In the midst of this experience, Balthasar began to realize the implications of this divine encounter for his life: “When I once thought: so, God has given me complete certainty and has provided for me an exactly outlined mission, it struck me that he was free to turn it all on its head—in fact in a moment and in spite of the views and habits of the tool that I was.”18

The importance of this divine call on Balthasar’s life cannot be overstated, for “the key to ‘understanding’ his person as well as his work is this obedient Yes to the call to follow Christ.. .. Whatever von Balthasar has done since then can be grasped only as an activity within this original Yes to the call God made to him,” as Werner Löser notes.19 We see some of the implications of this experience when we compare the theses of the first of his major writings, The Apocalypse of the German Soul based in large part on his dissertation, and the aforementioned trilogy.

His first major work based on his dissertation sought to trace German thought, beginning with the German Idealism of the late eighteenth and nineteenth centuries, examining German poets from Johann Wolfgang von Goethe to Rainer Maria Rilke, and culminating with the likes of Friedrich Nietzsche and other German thinkers of the twentieth century.
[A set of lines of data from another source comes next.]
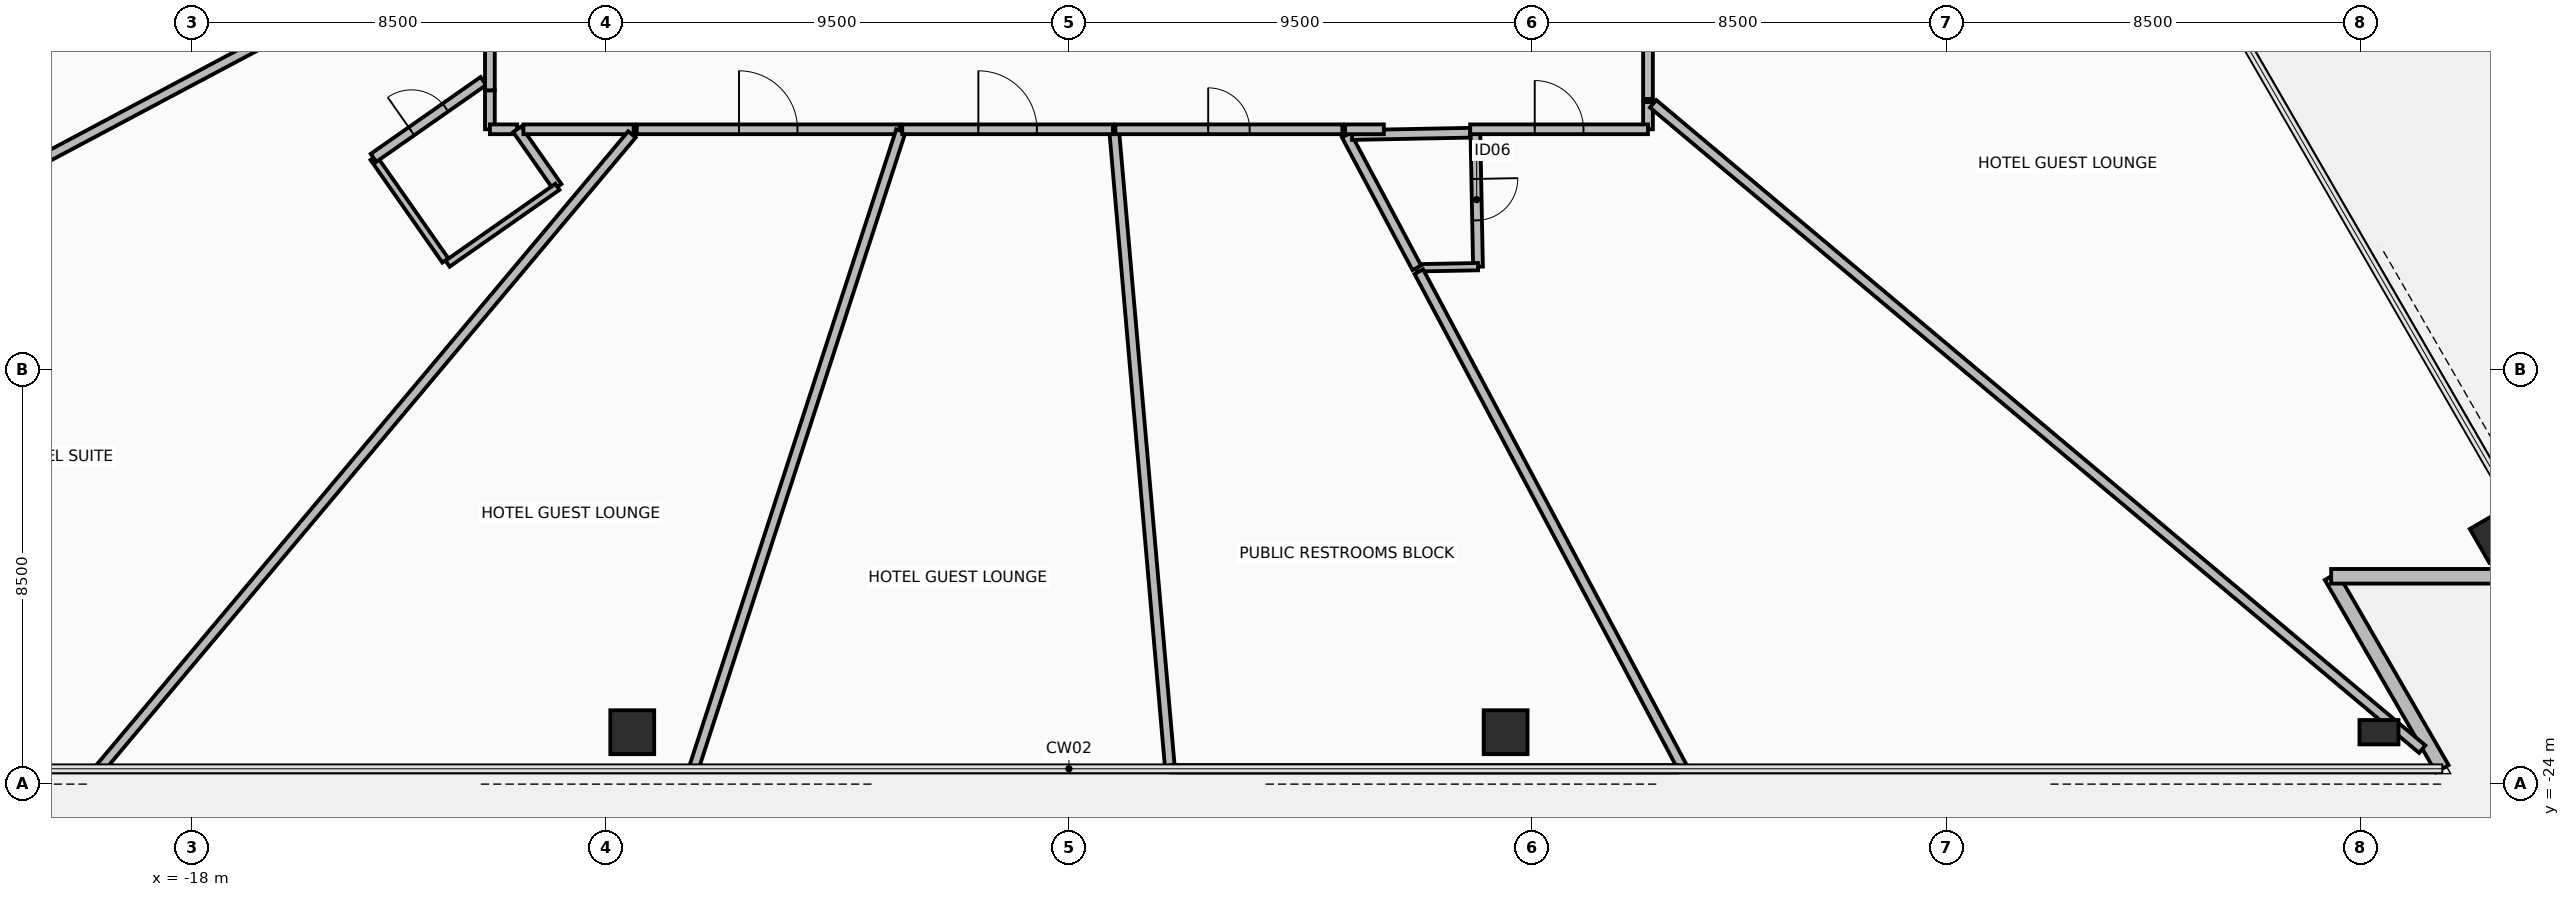
"""IFC4 building model, lengths in metres.
Left out: names, types, materials, properties, quantities, classifications, styles, units other than length and angle.
Written with IfcOpenShell. Run it as: python <this file> out.ifc"""

import sys

from ifc_helpers import new_model, si_unit, direction, frame, frame_2d, origin, origin_2d, place, context, subcontext, project, spatial, rectangle, hollow_rectangle, extrude, element, fill, save


model = new_model("IFC4")
c1 = context("Model", 3, precision=1e-05, world=origin(), true_north=direction((0.0, 1.0)))
c2 = subcontext(c1, "Body", "Model", "MODEL_VIEW")
j1 = project(units=[si_unit("LENGTHUNIT", "METRE"), si_unit("PLANEANGLEUNIT", "RADIAN")], contexts=[c1])
p1 = place(None, origin())
s1 = spatial("IfcSite", under=j1, at=p1, CompositionType="ELEMENT")
p2 = place(p1, origin())
s2 = spatial("IfcBuilding", under=s1, at=p2, CompositionType="ELEMENT")
p3 = place(p2, frame((0.0, 0.0, 31.8)))
s3 = spatial("IfcBuildingStorey", under=s2, at=p3, CompositionType="ELEMENT", Elevation=31.8)
for number, where, z_axis, x_axis in (
    (1, (-8.959, -22.95, 0.0), (0.0, 0.0, 1.0), (1.0, 0.0, 0.0)),
    (2, (8.959, -22.95, 0.0), (0.0, 0.0, 1.0), (1.0, 0.0, 0.0)),
):
    element("IfcColumn", number, at=place(p3, frame(where, z_axis=z_axis, x_axis=x_axis)), inside=s3, PredefinedType="COLUMN", context=c2, shape_type="SweptSolid", body=[
        extrude(hollow_rectangle(XDim=0.9, YDim=0.9, WallThickness=0.05, at=origin_2d()), origin(), (0.0, 0.0, 1.0), 3.45),
    ])
for number, where, z_axis, x_axis in (
    (3, (26.877, -22.95, 0.0), (0.0, 0.0, 1.0), (1.0, 0.0, 0.0)),
    (4, (29.157, -19.001, 0.0), (0.0, 0.0, 1.0), (-0.5, 0.866, 0.0)),
):
    element("IfcColumn", number, at=place(p3, frame(where, z_axis=z_axis, x_axis=x_axis)), inside=s3, PredefinedType="COLUMN", context=c2, shape_type="SweptSolid", body=[
        extrude(hollow_rectangle(XDim=0.5, YDim=0.8, WallThickness=0.04, at=origin_2d()), origin(), (0.0, 0.0, 1.0), 3.45),
    ])
p4 = place(p3, frame((-3.8, 26.418, 0.0), z_axis=(0.0, 0.0, 1.0), x_axis=(-0.499999546436, -0.86602566565, 0.0)))
e5 = element("IfcWall", 5, at=p4, inside=s3, PredefinedType="STANDARD", context=c2, shape_type="SweptSolid", body=[
    extrude(rectangle(XDim=53.312, YDim=0.3, at=frame_2d((26.656, 0.0))), origin(), (0.0, 0.0, 1.0), 3.275),
])
p5 = place(p4, frame((25.756, 0.0, 0.0)))
e6 = element("IfcOpeningElement", 6, at=p5, cuts=e5, PredefinedType="OPENING", context=c2, shape_type="SweptSolid", body=[
    extrude(rectangle(XDim=1.8, YDim=2.3, at=frame_2d((0.9, 1.15))), frame((0.0, 0.16, 0.0), z_axis=(0.0, -1.0, 0.0), x_axis=(1.0, 0.0, 0.0)), (0.0, 0.0, 1.0), 0.32),
])
p6 = place(p4, frame((12.578, 0.0, 0.85)))
e7 = element("IfcOpeningElement", 7, at=p6, cuts=e5, PredefinedType="OPENING", context=c2, shape_type="SweptSolid", body=[
    extrude(rectangle(XDim=1.5, YDim=2.1, at=frame_2d((0.75, 1.05))), frame((0.0, 0.16, 0.0), z_axis=(0.0, -1.0, 0.0), x_axis=(1.0, 0.0, 0.0)), (0.0, 0.0, 1.0), 0.32),
])
p7 = place(p4, frame((39.234, 0.0, 0.85)))
e8 = element("IfcOpeningElement", 8, at=p7, cuts=e5, PredefinedType="OPENING", context=c2, shape_type="SweptSolid", body=[
    extrude(rectangle(XDim=1.5, YDim=2.1, at=frame_2d((0.75, 1.05))), frame((0.0, 0.16, 0.0), z_axis=(0.0, -1.0, 0.0), x_axis=(1.0, 0.0, 0.0)), (0.0, 0.0, 1.0), 0.32),
])
p8 = place(p3, frame((28.176, -23.7, 0.0), z_axis=(0.0, 0.0, 1.0), x_axis=(-0.500014431597, 0.866017071537, 0.0)))
e9 = element("IfcWall", 9, at=p8, inside=s3, PredefinedType="STANDARD", context=c2, shape_type="SweptSolid", body=[
    extrude(rectangle(XDim=4.56, YDim=0.3, at=frame_2d((2.28, 0.0))), origin(), (0.0, 0.0, 1.0), 2.47),
])
p9 = place(p3, frame((25.896, -19.751, 0.0), z_axis=(0.0, 0.0, 1.0), x_axis=(1.0, 0.0, 0.0)))
e10 = element("IfcWall", 10, at=p9, inside=s3, PredefinedType="STANDARD", context=c2, shape_type="SweptSolid", body=[
    extrude(rectangle(XDim=4.56, YDim=0.3, at=frame_2d((2.28, 0.0))), origin(), (0.0, 0.0, 1.0), 2.47),
])
p10 = place(p3, frame((-11.88, -9.78, 0.0), z_axis=(0.0, 0.0, 1.0), x_axis=(0.0, -1.0, 0.0)))
e11 = element("IfcWall", 11, at=p10, inside=s3, PredefinedType="PARTITIONING", context=c2, shape_type="SweptSolid", body=[
    extrude(rectangle(XDim=0.8, YDim=0.2, at=frame_2d((0.4, 0.0))), origin(), (0.0, 0.0, 1.0), 2.67),
])
p11 = place(p3, frame((-11.879, -10.58, 0.0), z_axis=(0.0, 0.0, 1.0), x_axis=(1.0, 0.0, 0.0)))
e12 = element("IfcWall", 12, at=p11, inside=s3, PredefinedType="PARTITIONING", context=c2, shape_type="SweptSolid", body=[
    extrude(rectangle(XDim=0.559, YDim=0.2, at=frame_2d((0.28, 0.0))), origin(), (0.0, 0.0, 1.0), 3.275),
])
p12 = place(p3, frame((-11.32, -10.58, 0.0), z_axis=(0.0, 0.0, 1.0), x_axis=(0.573177949093, -0.819430923674, 0.0)))
e13 = element("IfcWall", 13, at=p12, inside=s3, PredefinedType="PARTITIONING", context=c2, shape_type="SweptSolid", body=[
    extrude(rectangle(XDim=1.44, YDim=0.2, at=frame_2d((0.72, 0.0))), origin(), (0.0, 0.0, 1.0), 3.275),
])
p13 = place(p3, frame((-10.494, -11.76, 0.0), z_axis=(0.0, 0.0, 1.0), x_axis=(-0.819398712469, -0.573223996361, 0.0)))
e14 = element("IfcWall", 14, at=p13, inside=s3, PredefinedType="PARTITIONING", context=c2, shape_type="SweptSolid", body=[
    extrude(rectangle(XDim=2.75, YDim=0.15, at=frame_2d((1.375, 0.0))), origin(), (0.0, 0.0, 1.0), 3.275),
])
p14 = place(p3, frame((-12.794, -13.271, 0.0), z_axis=(0.0, 0.0, 1.0), x_axis=(-0.573130756233, 0.819463932251, 0.0)))
e15 = element("IfcWall", 15, at=p14, inside=s3, PredefinedType="PARTITIONING", context=c2, shape_type="SweptSolid", body=[
    extrude(rectangle(XDim=2.57, YDim=0.15, at=frame_2d((1.285, 0.0))), origin(), (0.0, 0.0, 1.0), 2.67),
])
p15 = place(p3, frame((-14.267, -11.165, 0.0), z_axis=(0.0, 0.0, 1.0), x_axis=(0.81944041023, 0.573164386614, 0.0)))
e16 = element("IfcWall", 16, at=p15, inside=s3, PredefinedType="PARTITIONING", context=c2, shape_type="SweptSolid", body=[
    extrude(rectangle(XDim=2.75, YDim=0.2, at=frame_2d((1.375, 0.0))), origin(), (0.0, 0.0, 1.0), 2.67),
])
p16 = place(p15, frame((0.95, 0.0, 0.0)))
e17 = element("IfcOpeningElement", 17, at=p16, cuts=e16, PredefinedType="OPENING", context=c2, shape_type="SweptSolid", body=[
    extrude(rectangle(XDim=0.85, YDim=2.1, at=frame_2d((0.425, 1.05))), frame((0.0, 0.11, 0.0), z_axis=(0.0, -1.0, 0.0), x_axis=(1.0, 0.0, 0.0)), (0.0, 0.0, 1.0), 0.22),
])
p17 = place(p3, frame((8.339, -10.649, 0.0), z_axis=(0.0, 0.0, 1.0), x_axis=(0.019353504647, -0.999812703389, 0.0)))
e18 = element("IfcWall", 18, at=p17, inside=s3, PredefinedType="PARTITIONING", context=c2, shape_type="SweptSolid", body=[
    extrude(rectangle(XDim=2.75, YDim=0.2, at=frame_2d((1.375, 0.0))), origin(), (0.0, 0.0, 1.0), 3.275),
])
p18 = place(p17, frame((0.95, 0.0, 0.0)))
e19 = element("IfcOpeningElement", 19, at=p18, cuts=e18, PredefinedType="OPENING", context=c2, shape_type="SweptSolid", body=[
    extrude(rectangle(XDim=0.85, YDim=2.1, at=frame_2d((0.425, 1.05))), frame((0.0, 0.11, 0.0), z_axis=(0.0, -1.0, 0.0), x_axis=(1.0, 0.0, 0.0)), (0.0, 0.0, 1.0), 0.22),
])
p19 = place(p3, frame((8.392, -13.398, 0.0), z_axis=(0.0, 0.0, 1.0), x_axis=(-0.999810947385, -0.01944400909, 0.0)))
e20 = element("IfcWall", 20, at=p19, inside=s3, PredefinedType="PARTITIONING", context=c2, shape_type="SweptSolid", body=[
    extrude(rectangle(XDim=1.256, YDim=0.15, at=frame_2d((0.628, 0.0))), origin(), (0.0, 0.0, 1.0), 3.275),
])
p20 = place(p3, frame((7.137, -13.423, 0.0), z_axis=(0.0, 0.0, 1.0), x_axis=(-0.46943307166, 0.882968057877, 0.0)))
e21 = element("IfcWall", 21, at=p20, inside=s3, PredefinedType="PARTITIONING", context=c2, shape_type="SweptSolid", body=[
    extrude(rectangle(XDim=3.083, YDim=0.2, at=frame_2d((1.542, 0.0))), origin(), (0.0, 0.0, 1.0), 3.275),
])
p21 = place(p3, frame((5.807, -10.698, 0.0), z_axis=(0.0, 0.0, 1.0), x_axis=(0.999811590966, 0.019410887945, 0.0)))
e22 = element("IfcWall", 22, at=p21, inside=s3, PredefinedType="PARTITIONING", context=c2, shape_type="SweptSolid", body=[
    extrude(rectangle(XDim=2.427, YDim=0.2, at=frame_2d((1.214, 0.0))), origin(), (0.0, 0.0, 1.0), 3.275),
])
p22 = place(p3, frame((-11.893, -6.324, 0.0), z_axis=(0.0, 0.0, 1.0), x_axis=(-0.882947372325, -0.46947197755, 0.0)))
e23 = element("IfcWall", 23, at=p22, inside=s3, PredefinedType="PARTITIONING", context=c2, shape_type="SweptSolid", body=[
    extrude(rectangle(XDim=17.374, YDim=0.2, at=frame_2d((8.687, 0.0))), origin(), (0.0, 0.0, 1.0), 2.47),
])
p23 = place(p3, frame((2.072, -23.677, 0.0), z_axis=(0.0, 0.0, 1.0), x_axis=(-0.087161179376, 0.996194222433, 0.0)))
e24 = element("IfcWall", 24, at=p23, inside=s3, PredefinedType="PARTITIONING", context=c2, shape_type="SweptSolid", body=[
    extrude(rectangle(XDim=13.12, YDim=0.2, at=frame_2d((6.56, 0.0))), origin(), (0.0, 0.0, 1.0), 2.47),
])
p24 = place(p3, frame((0.953, -10.58, 0.0), z_axis=(0.0, 0.0, 1.0), x_axis=(1.0, 0.0, 0.0)))
e25 = element("IfcWall", 25, at=p24, inside=s3, PredefinedType="PARTITIONING", context=c2, shape_type="SweptSolid", body=[
    extrude(rectangle(XDim=4.658, YDim=0.2, at=frame_2d((2.329, 0.0))), origin(), (0.0, 0.0, 1.0), 3.275),
])
p25 = place(p24, frame((1.904, 0.0, 0.0)))
e26 = element("IfcOpeningElement", 26, at=p25, cuts=e25, PredefinedType="OPENING", context=c2, shape_type="SweptSolid", body=[
    extrude(rectangle(XDim=0.85, YDim=2.1, at=frame_2d((0.425, 1.05))), frame((0.0, 0.11, 0.0), z_axis=(0.0, -1.0, 0.0), x_axis=(1.0, 0.0, 0.0)), (0.0, 0.0, 1.0), 0.22),
])
p26 = place(p3, frame((7.179, -13.502, 0.0), z_axis=(0.0, 0.0, 1.0), x_axis=(0.469478708188, -0.882943793544, 0.0)))
e27 = element("IfcWall", 27, at=p26, inside=s3, PredefinedType="PARTITIONING", context=c2, shape_type="SweptSolid", body=[
    extrude(rectangle(XDim=11.55, YDim=0.2, at=frame_2d((5.775, 0.0))), origin(), (0.0, 0.0, 1.0), 2.47),
])
p27 = place(p3, frame((12.483, -23.7, 0.0), z_axis=(0.0, 0.0, 1.0), x_axis=(-1.0, 0.0, 0.0)))
e28 = element("IfcWall", 28, at=p27, inside=s3, PredefinedType="PARTITIONING", context=c2, shape_type="SweptSolid", body=[
    extrude(rectangle(XDim=10.386, YDim=0.15, at=frame_2d((5.193, 0.0))), origin(), (0.0, 0.0, 1.0), 3.275),
])
p28 = place(p3, frame((-11.88, -6.436, 0.0), z_axis=(0.0, 0.0, 1.0), x_axis=(0.0, -1.0, 0.0)))
e29 = element("IfcWall", 29, at=p28, inside=s3, PredefinedType="PARTITIONING", context=c2, shape_type="SweptSolid", body=[
    extrude(rectangle(XDim=3.344, YDim=0.2, at=frame_2d((1.672, 0.0))), origin(), (0.0, 0.0, 1.0), 2.67),
])
p29 = place(p28, frame((1.172, 0.0, 0.0)))
e30 = element("IfcOpeningElement", 30, at=p29, cuts=e29, PredefinedType="OPENING", context=c2, shape_type="SweptSolid", body=[
    extrude(rectangle(XDim=1.0, YDim=2.15, at=frame_2d((0.5, 1.075))), frame((0.0, 0.11, 0.0), z_axis=(0.0, -1.0, 0.0), x_axis=(1.0, 0.0, 0.0)), (0.0, 0.0, 1.0), 0.22),
])
p30 = place(p3, frame((-11.192, -10.58, 0.0), z_axis=(0.0, 0.0, 1.0), x_axis=(1.0, 0.0, 0.0)))
e31 = element("IfcWall", 31, at=p30, inside=s3, PredefinedType="PARTITIONING", context=c2, shape_type="SweptSolid", body=[
    extrude(rectangle(XDim=2.26, YDim=0.2, at=frame_2d((1.13, 0.0))), origin(), (0.0, 0.0, 1.0), 2.67),
])
p31 = place(p3, frame((-8.966, -10.685, 0.0), z_axis=(0.0, 0.0, 1.0), x_axis=(-0.642784617016, -0.766046954258, 0.0)))
e32 = element("IfcWall", 32, at=p31, inside=s3, PredefinedType="PARTITIONING", context=c2, shape_type="SweptSolid", body=[
    extrude(rectangle(XDim=16.978, YDim=0.2, at=frame_2d((8.489, 0.0))), origin(), (0.0, 0.0, 1.0), 2.47),
])
p32 = place(p3, frame((-8.866, -10.58, 0.0), z_axis=(0.0, 0.0, 1.0), x_axis=(1.0, 0.0, 0.0)))
e33 = element("IfcWall", 33, at=p32, inside=s3, PredefinedType="PARTITIONING", context=c2, shape_type="SweptSolid", body=[
    extrude(rectangle(XDim=5.394, YDim=0.2, at=frame_2d((2.697, 0.0))), origin(), (0.0, 0.0, 1.0), 2.67),
])
p33 = place(p32, frame((2.097, 0.0, 0.0)))
e34 = element("IfcOpeningElement", 34, at=p33, cuts=e33, PredefinedType="OPENING", context=c2, shape_type="SweptSolid", body=[
    extrude(rectangle(XDim=1.2, YDim=2.15, at=frame_2d((0.6, 1.075))), frame((0.0, 0.11, 0.0), z_axis=(0.0, -1.0, 0.0), x_axis=(1.0, 0.0, 0.0)), (0.0, 0.0, 1.0), 0.22),
])
p34 = place(p3, frame((-3.448, -10.613, 0.0), z_axis=(0.0, 0.0, 1.0), x_axis=(-0.309029029702, -0.951052605696, 0.0)))
e35 = element("IfcWall", 35, at=p34, inside=s3, PredefinedType="PARTITIONING", context=c2, shape_type="SweptSolid", body=[
    extrude(rectangle(XDim=13.742, YDim=0.2, at=frame_2d((6.871, 0.0))), origin(), (0.0, 0.0, 1.0), 2.47),
])
p35 = place(p3, frame((-3.419, -10.58, 0.0), z_axis=(0.0, 0.0, 1.0), x_axis=(1.0, 0.0, 0.0)))
e36 = element("IfcWall", 36, at=p35, inside=s3, PredefinedType="PARTITIONING", context=c2, shape_type="SweptSolid", body=[
    extrude(rectangle(XDim=4.322, YDim=0.2, at=frame_2d((2.161, 0.0))), origin(), (0.0, 0.0, 1.0), 3.275),
])
p36 = place(p35, frame((1.561, 0.0, 0.0)))
e37 = element("IfcOpeningElement", 37, at=p36, cuts=e36, PredefinedType="OPENING", context=c2, shape_type="SweptSolid", body=[
    extrude(rectangle(XDim=1.2, YDim=2.15, at=frame_2d((0.6, 1.075))), frame((0.0, 0.11, 0.0), z_axis=(0.0, -1.0, 0.0), x_axis=(1.0, 0.0, 0.0)), (0.0, 0.0, 1.0), 0.22),
])
p37 = place(p3, frame((11.88, -10.579, 0.0), z_axis=(0.0, 0.0, 1.0), x_axis=(0.0, 1.0, 0.0)))
e38 = element("IfcWall", 38, at=p37, inside=s3, PredefinedType="PARTITIONING", context=c2, shape_type="SweptSolid", body=[
    extrude(rectangle(XDim=0.557, YDim=0.2, at=frame_2d((0.279, 0.0))), origin(), (0.0, 0.0, 1.0), 2.67),
])
p38 = place(p3, frame((11.985, -10.057, 0.0), z_axis=(0.0, 0.0, 1.0), x_axis=(0.766043557541, -0.642788665076, 0.0)))
e39 = element("IfcWall", 39, at=p38, inside=s3, PredefinedType="PARTITIONING", context=c2, shape_type="SweptSolid", body=[
    extrude(rectangle(XDim=20.598, YDim=0.2, at=frame_2d((10.299, 0.0))), origin(), (0.0, 0.0, 1.0), 2.47),
])
p39 = place(p3, frame((5.667, -10.58, 0.0), z_axis=(0.0, 0.0, 1.0), x_axis=(1.0, 0.0, 0.0)))
e40 = element("IfcWall", 40, at=p39, inside=s3, PredefinedType="PARTITIONING", context=c2, shape_type="SweptSolid", body=[
    extrude(rectangle(XDim=0.793, YDim=0.2, at=frame_2d((0.396, 0.0))), origin(), (0.0, 0.0, 1.0), 3.275),
])
p40 = place(p3, frame((8.232, -10.58, 0.0), z_axis=(0.0, 0.0, 1.0), x_axis=(1.0, 0.0, 0.0)))
e41 = element("IfcWall", 41, at=p40, inside=s3, PredefinedType="PARTITIONING", context=c2, shape_type="SweptSolid", body=[
    extrude(rectangle(XDim=3.647, YDim=0.2, at=frame_2d((1.823, 0.0))), origin(), (0.0, 0.0, 1.0), 2.67),
])
p41 = place(p40, frame((1.324, 0.0, 0.0)))
e42 = element("IfcOpeningElement", 42, at=p41, cuts=e41, PredefinedType="OPENING", context=c2, shape_type="SweptSolid", body=[
    extrude(rectangle(XDim=1.0, YDim=2.15, at=frame_2d((0.5, 1.075))), frame((0.0, 0.11, 0.0), z_axis=(0.0, -1.0, 0.0), x_axis=(1.0, 0.0, 0.0)), (0.0, 0.0, 1.0), 0.22),
])
p42 = place(p3, frame((11.88, -9.957, 0.0), z_axis=(0.0, 0.0, 1.0), x_axis=(0.0, 1.0, 0.0)))
e43 = element("IfcWall", 43, at=p42, inside=s3, PredefinedType="PARTITIONING", context=c2, shape_type="SweptSolid", body=[
    extrude(rectangle(XDim=6.062, YDim=0.2, at=frame_2d((3.031, 0.0))), origin(), (0.0, 0.0, 1.0), 2.67),
])
p43 = place(p42, frame((2.431, 0.0, 0.0)))
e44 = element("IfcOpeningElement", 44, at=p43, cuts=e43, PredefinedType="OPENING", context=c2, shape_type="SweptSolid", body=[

He surmised that the German soul is anthropocentric; that is, it seeks to construct one’s understanding of self and the world solely from the vantage point of human subjectivity. Humanity is the measure of all things.20 In contrast, he based his trilogy on the premise that human beings find meaning only when they transcend themselves in order to participate in God’s divine reality, namely, the drama of redemption. Key to understanding this contrast and much of Balthasar’s life and work is his divine calling. To be sure, though, other important figures aid him in fleshing out his thoughts.

1.2. Significant Philosophical, Theological, and Spiritual Influences

Erich Przywara, a Jesuit theologian whom Balthasar encountered in Munich in the early 1930s, was one of the seminal figures in the 20th century debate regarding the analogia entis or the analogy of being—the idea that “between Creator and creature no similarity can be noted, however great it may be, without noting a greater dissimilarity.”21 Balthasar learned from Przywara how to analyze the history of philosophy using the doctrine of analogia entis. Consequently, Balthasar appropriated Przywara’s ontological position stressing the ever-greater dissimilarity between God and humanity no matter the similarity thereby opening space for genuine divine/human interaction. This human participation in the divine life became the cornerstone for Balthasar’s theo-dramatics.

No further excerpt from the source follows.